Stephanie and I dropped the girls off with Morgan at my house, exchanging tearful kisses with both. Morgan, who’d been all but unreachable for almost two days, was suddenly eager to baby-sit.
The most frustrating task that afternoon was locating firefighters from the Chattanooga Fire Department willing to speak candidly. Already one firefighter was being sued by one of the litigants for speaking out in public, and just about everyone and their mother had been subpoenaed to the trial.

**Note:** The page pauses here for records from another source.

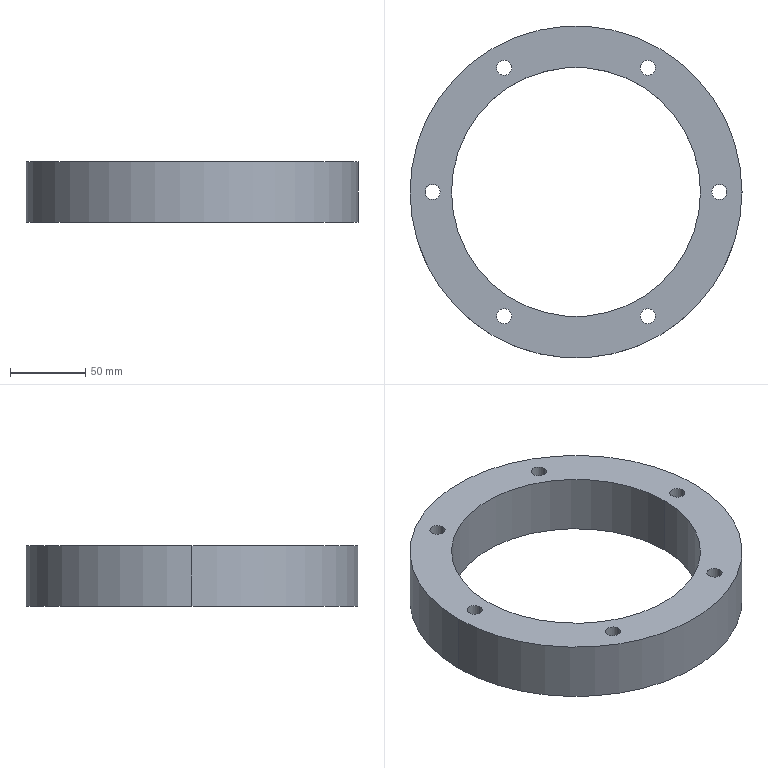Component | SolidWorks | UpperDieHolder-1 | 1 solid | 18 faces | box 220 x 220 x 40 mm | volume 646383 mm3 | cylinder 16 | plane 2 | commonest cylinder face diameters 10 x12 165 x2 220 x2
build123d program:
from build123d import *

# Parameters (mm, degrees)
SKETCH1_R           = 110
SKETCH1_R_2         = 82.5
SKETCH1_R_3         = 5
BOSS_EXTRUDE1_DEPTH = 40


with BuildPart() as part:
    # Sketch1 → Boss-Extrude1 (new body)
    with BuildSketch(Plane.XY):
        Circle(SKETCH1_R)
        Circle(SKETCH1_R_2, mode=Mode.SUBTRACT)
        with Locations((-95, 0)):
            Circle(SKETCH1_R_3, mode=Mode.SUBTRACT)
        with Locations((-47.5, 82.272)):
            Circle(SKETCH1_R_3, mode=Mode.SUBTRACT)
        with Locations((47.5, 82.272)):
            Circle(SKETCH1_R_3, mode=Mode.SUBTRACT)
        with Locations((95, 0)):
            Circle(SKETCH1_R_3, mode=Mode.SUBTRACT)
        with Locations((47.5, -82.272)):
            Circle(SKETCH1_R_3, mode=Mode.SUBTRACT)
        with Locations((-47.5, -82.272)):
            Circle(SKETCH1_R_3, mode=Mode.SUBTRACT)
    extrude(amount=BOSS_EXTRUDE1_DEPTH)


solid = part.part

# Placed as in the assembly
solid = solid.moved(Location((0, 0, -271), (0, 0, 0)))
STEP:
#1=CARTESIAN_POINT('',(-2.067,-3.239,-9.094));
#2=VERTEX_POINT('',#1);
#3=CARTESIAN_POINT('',(-1.673,-3.239,-9.094));
#4=VERTEX_POINT('',#3);
#5=CARTESIAN_POINT('',(-1.87,-3.239,-9.094));
#6=DIRECTION('',(0.,0.,1.));
#7=DIRECTION('',(1.,0.,0.));
#8=AXIS2_PLACEMENT_3D('',#5,#6,#7);
#9=CIRCLE('',#8,0.1969);
#10=EDGE_CURVE('',#2,#4,#9,.T.);
#11=ORIENTED_EDGE('',*,*,#10,.T.);
#12=CARTESIAN_POINT('',(-1.673,-3.239,-10.669));
#13=VERTEX_POINT('',#12);
#14=CARTESIAN_POINT('',(-1.673,-3.239,-9.094));
#15=DIRECTION('',(0.,0.,-1.));
#16=VECTOR('',#15,39.37);
#17=LINE('',#14,#16);
#18=EDGE_CURVE('',#4,#13,#17,.T.);
#19=ORIENTED_EDGE('',*,*,#18,.T.);
#20=CARTESIAN_POINT('',(-2.067,-3.239,-10.669));
#21=VERTEX_POINT('',#20);
#22=CARTESIAN_POINT('',(-1.87,-3.239,-10.669));
#23=DIRECTION('',(0.,0.,1.));
#24=DIRECTION('',(1.,0.,0.));
#25=AXIS2_PLACEMENT_3D('',#22,#23,#24);
#26=CIRCLE('',#25,0.1969);
#27=EDGE_CURVE('',#21,#13,#26,.T.);
#28=ORIENTED_EDGE('',*,*,#27,.F.);
#29=CARTESIAN_POINT('',(-2.067,-3.239,-9.094));
#30=DIRECTION('',(0.,0.,-1.));
#31=VECTOR('',#30,39.37);
#32=LINE('',#29,#31);
#33=EDGE_CURVE('',#2,#21,#32,.T.);
#34=ORIENTED_EDGE('',*,*,#33,.F.);
#35=EDGE_LOOP('',(#11,#19,#28,#34));
#36=FACE_OUTER_BOUND('',#35,.T.);
#37=CARTESIAN_POINT('',(-1.87,-3.239,-9.094));
#38=DIRECTION('',(0.,0.,-1.));
#39=DIRECTION('',(-1.,0.,0.));
#40=AXIS2_PLACEMENT_3D('',#37,#38,#39);
#41=CYLINDRICAL_SURFACE('',#40,0.1969);
#42=ADVANCED_FACE('',(#36),#41,.F.);
#43=CARTESIAN_POINT('',(1.673,-3.239,-9.094));
#44=VERTEX_POINT('',#43);
#45=CARTESIAN_POINT('',(2.067,-3.239,-9.094));
#46=VERTEX_POINT('',#45);
#47=CARTESIAN_POINT('',(1.87,-3.239,-9.094));
#48=DIRECTION('',(0.,0.,1.));
#49=DIRECTION('',(1.,0.,0.));
#50=AXIS2_PLACEMENT_3D('',#47,#48,#49);
#51=CIRCLE('',#50,0.1969);
#52=EDGE_CURVE('',#44,#46,#51,.T.);
#53=ORIENTED_EDGE('',*,*,#52,.T.);
#54=CARTESIAN_POINT('',(2.067,-3.239,-10.669));
#55=VERTEX_POINT('',#54);
#56=CARTESIAN_POINT('',(2.067,-3.239,-9.094));
#57=DIRECTION('',(0.,0.,-1.));
#58=VECTOR('',#57,39.37);
#59=LINE('',#56,#58);
#60=EDGE_CURVE('',#46,#55,#59,.T.);
#61=ORIENTED_EDGE('',*,*,#60,.T.);
#62=CARTESIAN_POINT('',(1.673,-3.239,-10.669));
#63=VERTEX_POINT('',#62);
#64=CARTESIAN_POINT('',(1.87,-3.239,-10.669));
#65=DIRECTION('',(0.,0.,1.));
#66=DIRECTION('',(1.,0.,0.));
#67=AXIS2_PLACEMENT_3D('',#64,#65,#66);
#68=CIRCLE('',#67,0.1969);
#69=EDGE_CURVE('',#63,#55,#68,.T.);
#70=ORIENTED_EDGE('',*,*,#69,.F.);
#71=CARTESIAN_POINT('',(1.673,-3.239,-9.094));
#72=DIRECTION('',(0.,0.,-1.));
#73=VECTOR('',#72,39.37);
#74=LINE('',#71,#73);
#75=EDGE_CURVE('',#44,#63,#74,.T.);
#76=ORIENTED_EDGE('',*,*,#75,.F.);
#77=EDGE_LOOP('',(#53,#61,#70,#76));
#78=FACE_OUTER_BOUND('',#77,.T.);
#79=CARTESIAN_POINT('',(1.87,-3.239,-9.094));
#80=DIRECTION('',(0.,0.,-1.));
#81=DIRECTION('',(-1.,0.,0.));
#82=AXIS2_PLACEMENT_3D('',#79,#80,#81);
#83=CYLINDRICAL_SURFACE('',#82,0.1969);
#84=ADVANCED_FACE('',(#78),#83,.F.);
#85=CARTESIAN_POINT('',(3.543,0.,-9.094));
#86=VERTEX_POINT('',#85);
#87=CARTESIAN_POINT('',(3.937,0.,-9.094));
#88=VERTEX_POINT('',#87);
#89=CARTESIAN_POINT('',(3.74,0.,-9.094));
#90=DIRECTION('',(0.,0.,1.));
#91=DIRECTION('',(1.,0.,0.));
#92=AXIS2_PLACEMENT_3D('',#89,#90,#91);
#93=CIRCLE('',#92,0.1969);
#94=EDGE_CURVE('',#86,#88,#93,.T.);
#95=ORIENTED_EDGE('',*,*,#94,.T.);
#96=CARTESIAN_POINT('',(3.937,0.,-10.669));
#97=VERTEX_POINT('',#96);
#98=CARTESIAN_POINT('',(3.937,0.,-9.094));
#99=DIRECTION('',(0.,0.,-1.));
#100=VECTOR('',#99,39.37);
#101=LINE('',#98,#100);
#102=EDGE_CURVE('',#88,#97,#101,.T.);
#103=ORIENTED_EDGE('',*,*,#102,.T.);
#104=CARTESIAN_POINT('',(3.543,0.,-10.669));
#105=VERTEX_POINT('',#104);
#106=CARTESIAN_POINT('',(3.74,0.,-10.669));
#107=DIRECTION('',(0.,0.,1.));
#108=DIRECTION('',(1.,0.,0.));
#109=AXIS2_PLACEMENT_3D('',#106,#107,#108);
#110=CIRCLE('',#109,0.1969);
#111=EDGE_CURVE('',#105,#97,#110,.T.);
#112=ORIENTED_EDGE('',*,*,#111,.F.);
#113=CARTESIAN_POINT('',(3.543,0.,-9.094));
#114=DIRECTION('',(0.,0.,-1.));
#115=VECTOR('',#114,39.37);
#116=LINE('',#113,#115);
#117=EDGE_CURVE('',#86,#105,#116,.T.);
#118=ORIENTED_EDGE('',*,*,#117,.F.);
#119=EDGE_LOOP('',(#95,#103,#112,#118));
#120=FACE_OUTER_BOUND('',#119,.T.);
#121=CARTESIAN_POINT('',(3.74,0.,-9.094));
#122=DIRECTION('',(0.,0.,-1.));
#123=DIRECTION('',(-1.,0.,0.));
#124=AXIS2_PLACEMENT_3D('',#121,#122,#123);
#125=CYLINDRICAL_SURFACE('',#124,0.1969);
#126=ADVANCED_FACE('',(#120),#125,.F.);
#127=CARTESIAN_POINT('',(1.673,3.239,-9.094));
#128=VERTEX_POINT('',#127);
#129=CARTESIAN_POINT('',(2.067,3.239,-9.094));
#130=VERTEX_POINT('',#129);
#131=CARTESIAN_POINT('',(1.87,3.239,-9.094));
#132=DIRECTION('',(0.,0.,1.));
#133=DIRECTION('',(1.,0.,0.));
#134=AXIS2_PLACEMENT_3D('',#131,#132,#133);
#135=CIRCLE('',#134,0.1969);
#136=EDGE_CURVE('',#128,#130,#135,.T.);
#137=ORIENTED_EDGE('',*,*,#136,.T.);
#138=CARTESIAN_POINT('',(2.067,3.239,-10.669));
#139=VERTEX_POINT('',#138);
#140=CARTESIAN_POINT('',(2.067,3.239,-9.094));
#141=DIRECTION('',(0.,0.,-1.));
#142=VECTOR('',#141,39.37);
#143=LINE('',#140,#142);
#144=EDGE_CURVE('',#130,#139,#143,.T.);
#145=ORIENTED_EDGE('',*,*,#144,.T.);
#146=CARTESIAN_POINT('',(1.673,3.239,-10.669));
#147=VERTEX_POINT('',#146);
#148=CARTESIAN_POINT('',(1.87,3.239,-10.669));
#149=DIRECTION('',(0.,0.,1.));
#150=DIRECTION('',(1.,0.,0.));
#151=AXIS2_PLACEMENT_3D('',#148,#149,#150);
#152=CIRCLE('',#151,0.1969);
#153=EDGE_CURVE('',#147,#139,#152,.T.);
#154=ORIENTED_EDGE('',*,*,#153,.F.);
#155=CARTESIAN_POINT('',(1.673,3.239,-9.094));
#156=DIRECTION('',(0.,0.,-1.));
#157=VECTOR('',#156,39.37);
#158=LINE('',#155,#157);
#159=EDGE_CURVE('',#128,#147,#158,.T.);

Once again, I found myself in a long, rambling conversation with Charlie Drago, who now filled me in on the LPG disaster that happened two weeks after Southeast Travelers, the explosion he’d forgotten to tell me about during our first conversations. The fact that he’d forgotten to mention it the first time around spoke volumes about his mental acuity.
He also said there’d been a fire in his garage shortly after he began looking into the syndrome, blamed it on powerful unnamed forces, said he’d been followed by men in black for weeks, that his phone had been tapped, that they might be listening to us that very minute. The more we spoke, the more I realized Charlie was a full-blown paranoiac.
“You gotta listen to me,” Drago said. “Whatever anybody tells you about that LPG incident, it was not an accident. It was a trap. You know who responded? The same group of guys went to Travelers. It was only luck it didn’t kill more than the six of them and the two civilians. You wipe out half a battalion and you suddenly no longer have anyone who cares about Southeast Travelers. Specifically, you wipe out the guys who responded to Southeast, and you got no one left to come down with this syndrome and start suing. That was the plan all along.”
“Carl Steding told me the same thing. That it was a trap. Or at least that’s what he hinted.”
“Trouble is, we’re practically the only two people in town who think that.”
“Wasn’t the LPG incident ruled accidental?”
“Sure it was. That’s what they wanted.”
“That’s what who wanted?”
“The people who lit up my garage.”
“And who were they?”
“Whoever stands to lose their pants over Southeast Travelers. It could be any one of thirty corporations. Or their investors. Thousands of investors. In fact, investors are usually the worst. I should know. I was an investor once.”
Toward evening a battalion chief from Chattanooga named Frost called in response to messages I’d left. He told me I could cheerfully disregard anything Charlie told me, that Charlie had been spouting nonsense about Southeast Travelers for so long, nobody listened to him anymore. When I mentioned Charlie’s garage fire and his thoughts on the LPG truck accident, Chief Frost said, “Charlie started it hisself, left a sack of hot ashes from his woodstove too close to a wall. And that LPG truck driver? He reached over to change the radio station, got a bee in his briefs, whatever. Nobody but Charlie and some asshole works over at the paper ever thought there was anything odd about it.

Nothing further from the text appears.